/Automate-identification-and-recognition-of-handwritten-text-from-an-image

This project offers an efficient method for identifying and recognizing handwritten text from images. Using a Convolutional Recurrent Neural Network (CRNN) for Optical Character Recognition (OCR), it effectively extracts text from images, aiding in the digitization of handwritten documents and automated text extraction.
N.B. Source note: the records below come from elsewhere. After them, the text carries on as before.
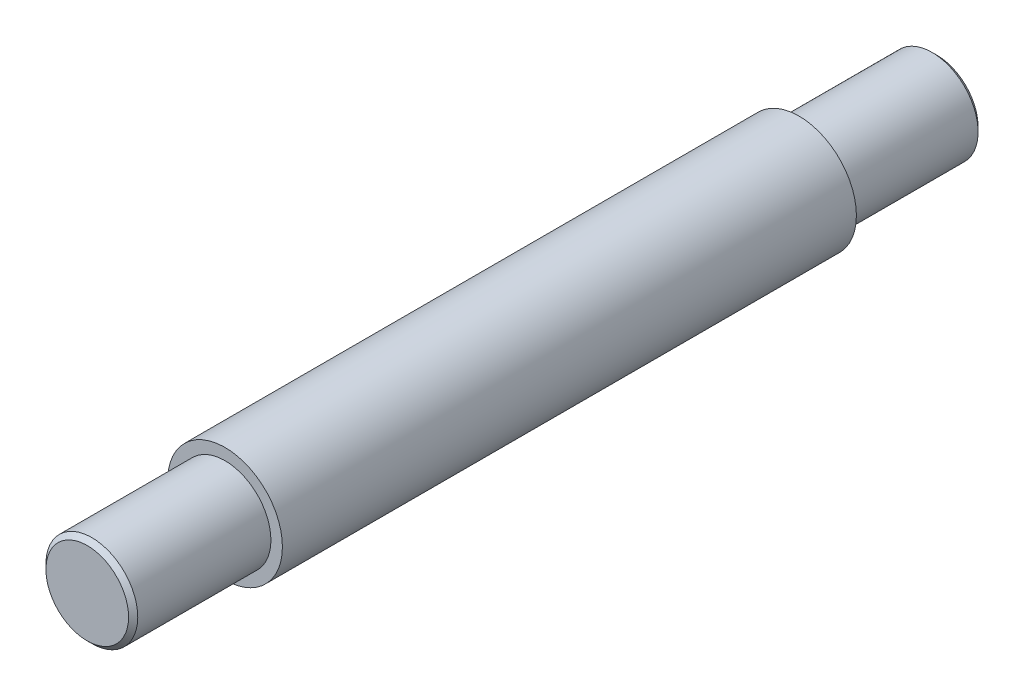
SolidWorks part; units mm, degrees
ref_plane "Front Plane" through (0, 0, 0) normal (0, 0, 1) x (1, 0, 0)
ref_plane "Top Plane" through (0, 0, 0) normal (0, 1, 0) x (1, 0, 0)
ref_plane "Right Plane" through (0, 0, 0) normal (1, 0, 0) x (0, 0, -1)
sketch "Sketch1" plane through (0, 0, 0) normal (0, 0, 1) x (1, 0, 0)
  circle A0 centre (0, 0) radius 12.5
  dimension "D1" = 25
extrude "Boss-Extrude1" add sketch "Sketch1" along normal mid plane 125
sketch "Sketch2" plane through (0, 0, 62.5) normal (0, 0, 1) x (1, 0, 0)
  circle A0 centre (0, 0) radius 10
extrude "Boss-Extrude2" add sketch "Sketch2" along normal blind 30
sketch "Sketch3" plane through (0, 0, -62.5) normal (0, 0, -1) x (-1, 0, 0)
  circle A0 centre (0, 0) radius 10
extrude "Boss-Extrude3" add sketch "Sketch3" along normal blind 30
chamfer "Chamfer1" distance 1 angle 45 2 edges at (10, 0, 92.5) (-10, 0, -92.5)
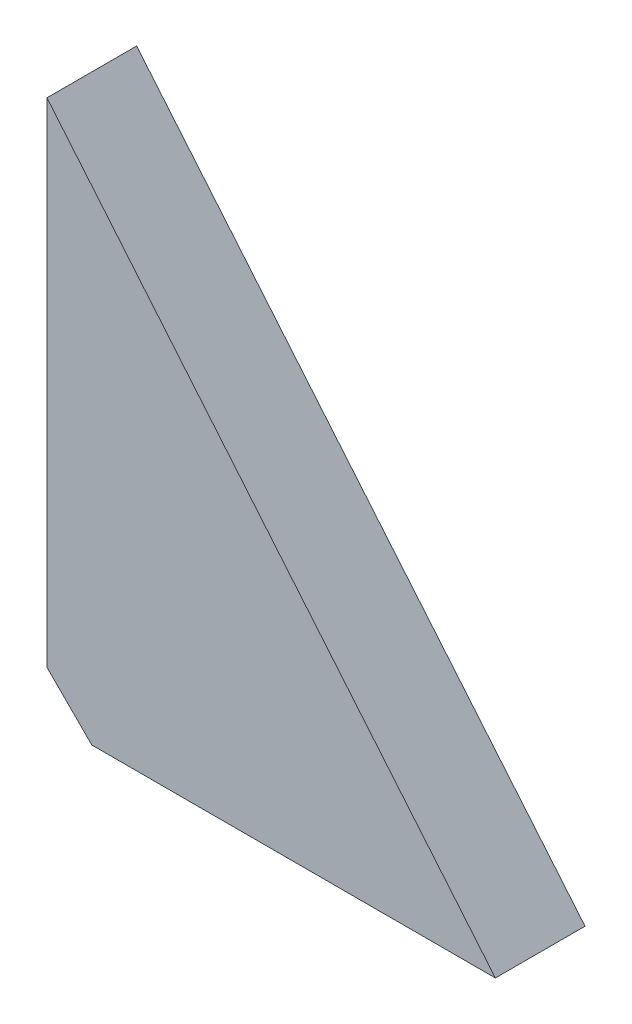
SolidWorks part; units mm, degrees
material "Q235B"
ref_plane "Front Plane" through (0, 0, 0) normal (0, 0, 1) x (1, 0, 0)
ref_plane "Top Plane" through (0, 0, 0) normal (0, 1, 0) x (1, 0, 0)
ref_plane "Right Plane" through (0, 0, 0) normal (1, 0, 0) x (0, 0, -1)
sketch "Sketch1" plane through (0, 0, 0) normal (0, 0, 1) x (1, 0, 0)
  line L0 (0, 0) -> (0, 60)
  line L1 (0, 60) -> (50, 0)
  line L2 (50, 0) -> (0, 0)
  dimension "D1" = 50
  dimension "D2" = 60
extrude "Boss-Extrude1" add sketch "Sketch1" along normal mid plane 10
chamfer "Chamfer1" distance 5 angle 45 1 edges at (0, 0, 0)
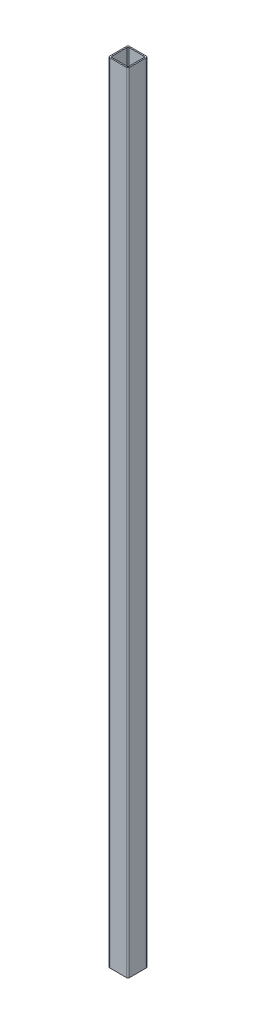
SolidWorks part; units mm, degrees
material "Angle steel 100×100×6/Q235"
ref_plane "Front Plane" through (0, 0, 0) normal (0, 0, 1) x (1, 0, 0)
ref_plane "Top Plane" through (0, 0, 0) normal (0, 1, 0) x (1, 0, 0)
ref_plane "Right Plane" through (0, 0, 0) normal (1, 0, 0) x (0, 0, -1)
sketch "Sketch2" plane through (0, 0, 0) normal (0, 1, 0) x (1, 0, 0)
  line L0 (12.6, 4.775) -> (87.4, 4.775)
  line L1 (6.3, 11.075) -> (6.3, 85.875)
  line L2 (87.4, 92.175) -> (12.6, 92.175)
  line L3 (93.7, 85.875) -> (93.7, 11.075)
  line L4 (7.875, -1.525) -> (92.125, -1.525)
  line L5 (0, 6.35) -> (0, 90.6)
  line L6 (92.125, 98.475) -> (7.875, 98.475)
  line L7 (100, 90.6) -> (100, 6.35)
  arc A0 (100, 90.6) -> (92.125, 98.475) centre (92.125, 90.6) ccw
  arc A1 (92.125, -1.525) -> (100, 6.35) centre (92.125, 6.35) ccw
  arc A2 (0, 6.35) -> (7.875, -1.525) centre (7.875, 6.35) ccw
  arc A3 (7.875, 98.475) -> (0, 90.6) centre (7.875, 90.6) ccw
  arc A4 (12.6, 92.175) -> (6.3, 85.875) centre (12.6, 85.875) ccw
  arc A5 (93.7, 85.875) -> (87.4, 92.175) centre (87.4, 85.875) ccw
  arc A6 (87.4, 4.775) -> (93.7, 11.075) centre (87.4, 11.075) ccw
  arc A7 (6.3, 11.075) -> (12.6, 4.775) centre (12.6, 11.075) ccw
extrude "Boss-Extrude1" add sketch "Sketch2" along normal mid plane 4000
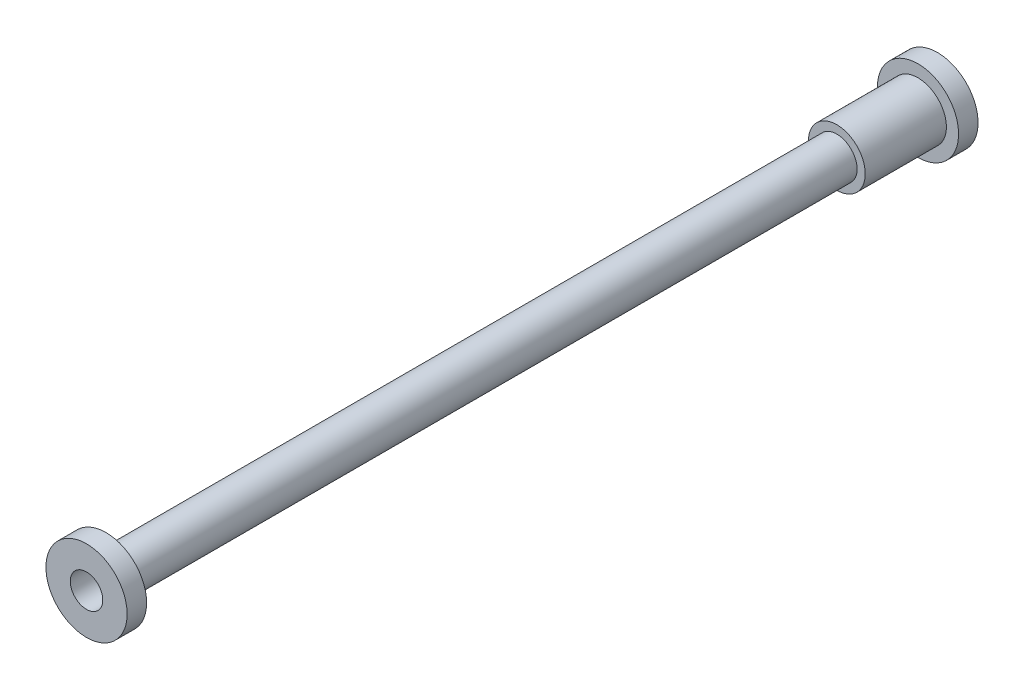
from build123d import *

# Parameters (mm, degrees)
SKETCH1_R           = 12.5
BOSS_EXTRUDE1_DEPTH = 450
SKETCH2_R           = 17.5
BOSS_EXTRUDE2_DEPTH = 50
SKETCH3_R           = 25
BOSS_EXTRUDE3_DEPTH = 12
BOSS_EXTRUDE4_START = 12
SKETCH4_R           = 25
BOSS_EXTRUDE4_DEPTH = 12
SKETCH5_R           = 10
CUT_EXTRUDE1_DEPTH  = 526.191393684


with BuildPart() as part:
    # Sketch1 → Boss-Extrude1 (new body)
    with BuildSketch(Plane.XY):
        Circle(SKETCH1_R)
    extrude(amount=BOSS_EXTRUDE1_DEPTH)

    # Sketch2 → Boss-Extrude2 (add)
    with BuildSketch(Plane(origin=(0, 0, 0), x_dir=(-1, 0, 0), z_dir=(0, 0, -1))):
        Circle(SKETCH2_R)
    extrude(amount=BOSS_EXTRUDE2_DEPTH)

    # Sketch3 → Boss-Extrude3 (add)
    with BuildSketch(Plane(origin=(0, 0, -50), x_dir=(-1, 0, 0), z_dir=(0, 0, -1))):
        Circle(SKETCH3_R)
    extrude(amount=BOSS_EXTRUDE3_DEPTH)

    # Sketch4 → Boss-Extrude4 (add)
    with BuildSketch(Plane.XY.offset(450).offset(BOSS_EXTRUDE4_START)):
        with Locations(Location((0, 0, 0), (0, 0, 180))):
            Circle(SKETCH4_R)
    extrude(amount=-BOSS_EXTRUDE4_DEPTH)

    # Sketch5 → Cut-Extrude1 (cut, through all)
    with BuildSketch(Plane.XY.offset(462)):
        Circle(SKETCH5_R)
    extrude(amount=-CUT_EXTRUDE1_DEPTH, mode=Mode.SUBTRACT)


solid = part.part
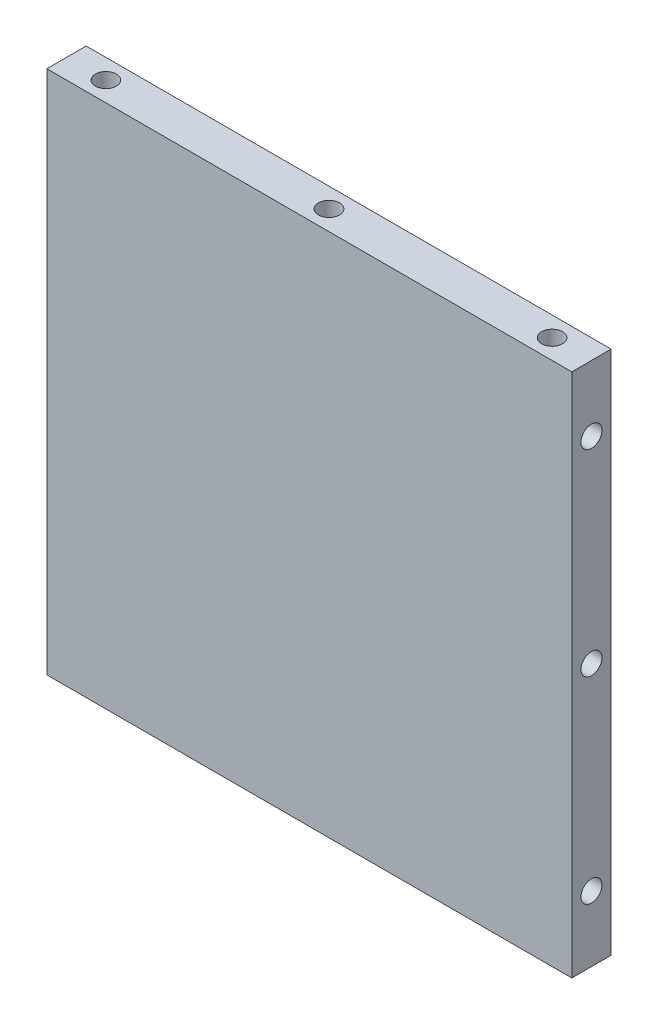
SolidWorks part; units mm, degrees
ref_plane "Front Plane" through (0, 0, 0) normal (0, 0, 1) x (1, 0, 0)
ref_plane "Top Plane" through (0, 0, 0) normal (0, 1, 0) x (1, 0, 0)
ref_plane "Right Plane" through (0, 0, 0) normal (1, 0, 0) x (0, 0, -1)
sketch "Sketch1" plane through (0, 0, 0) normal (0, 0, 1) x (1, 0, 0)
  line L1 (100, -100) -> (-100, -100)
  line L2 (100, -100) -> (100, 100)
  line L3 (100, 100) -> (-100, 100)
  line L4 (-100, -100) -> (-100, 100)
  line L5 (100, -100) -> (-100, 100) construction
  line L6 (100, 100) -> (-100, -100) construction
  point P1 (0, 0)
  dimension "D1" = 200
  dimension "D2" = 200
extrude "Boss-Extrude1" add sketch "Sketch1" along normal blind 15
sketch "Sketch2" plane through (100, 0, 0) normal (1, 0, 0) x (0, 0, -1)
  line L0 (0, 0) -> (-32.3248, 0) construction
  line L1 (-7.5, 100) -> (-7.5, -100) construction
  line L2 (-15, 100) -> (0, 100) construction
  line L3 (-15, -100) -> (0, -100) construction
  circle A0 centre (-7.5, 0) radius 4
  dimension "D1" = 8
extrude "Cut-Extrude1" cut sketch "Sketch2" against normal blind 25
pattern_linear "LPattern1" count 2 spacing 75 along (0, -1, 0) of "Cut-Extrude1"
mirror "Mirror1" about plane through (0, 0, 0) normal (0, 1, 0) of "LPattern1", "Cut-Extrude1"
mirror "Mirror2" about plane through (0, 0, 0) normal (1, 0, 0) of "Mirror1", "LPattern1", "Cut-Extrude1"
sketch "Sketch3" plane through (0, 100, 0) normal (0, 1, 0) x (1, 0, 0)
  circle A0 centre (0, -7.5) radius 4
  dimension "D1" = 8
extrude "Cut-Extrude2" cut sketch "Sketch3" against normal blind 25
pattern_linear "LPattern2" count 2 spacing 85 along (1, 0, 0) of "Cut-Extrude2"
mirror "Mirror3" about plane through (0, 0, 0) normal (1, 0, 0) of "LPattern2", "Cut-Extrude2"
mirror "Mirror4" about plane through (0, 0, 0) normal (0, 1, 0) of "Mirror3", "LPattern2", "Cut-Extrude2"

Primary LanguageJupyter NotebookMIT LicenseMIT

Automate Identification and Recognition of Handwritten Text from an Image

CRNN Model

This repository contains the implementation of a CRNN (Convolutional Recurrent Neural Network) model designed to detect and recognize handwritten text from images. The CRNN combines convolutional layers for feature extraction with recurrent layers for sequence modeling, making it well-suited for tasks involving sequential data like text.

Introduction

Handwritten text recognition is a challenging task due to the variability in handwriting styles, orientations, and the presence of noise in images. This project leverages a CRNN architecture to accurately detect and recognize handwritten text from images, making it suitable for applications such as digitizing handwritten documents, automated form processing, and more.

Features

  • End-to-end text detection and recognition: Automatically detect and recognize text from input images.
  • CRNN architecture: Combines CNNs for feature extraction with RNNs for sequence modeling.
  • CTC loss function: Utilizes Connectionist Temporal Classification (CTC) for sequence prediction without pre-segmented labels.
  • Preprocessing utilities: Includes image preprocessing and augmentation utilities.

Installation

  1. Clone the repository:
    git clone https://github.com/VMD7/Automate-identification-and-recognition-of-handwritten-text-from-an-image
  2. Install the required dependencies:
    pip install -r requirements.txt

Model Architecture

The CRNN model architecture consists of the following components:

  • Convolutional Layers: Extract spatial features from input images.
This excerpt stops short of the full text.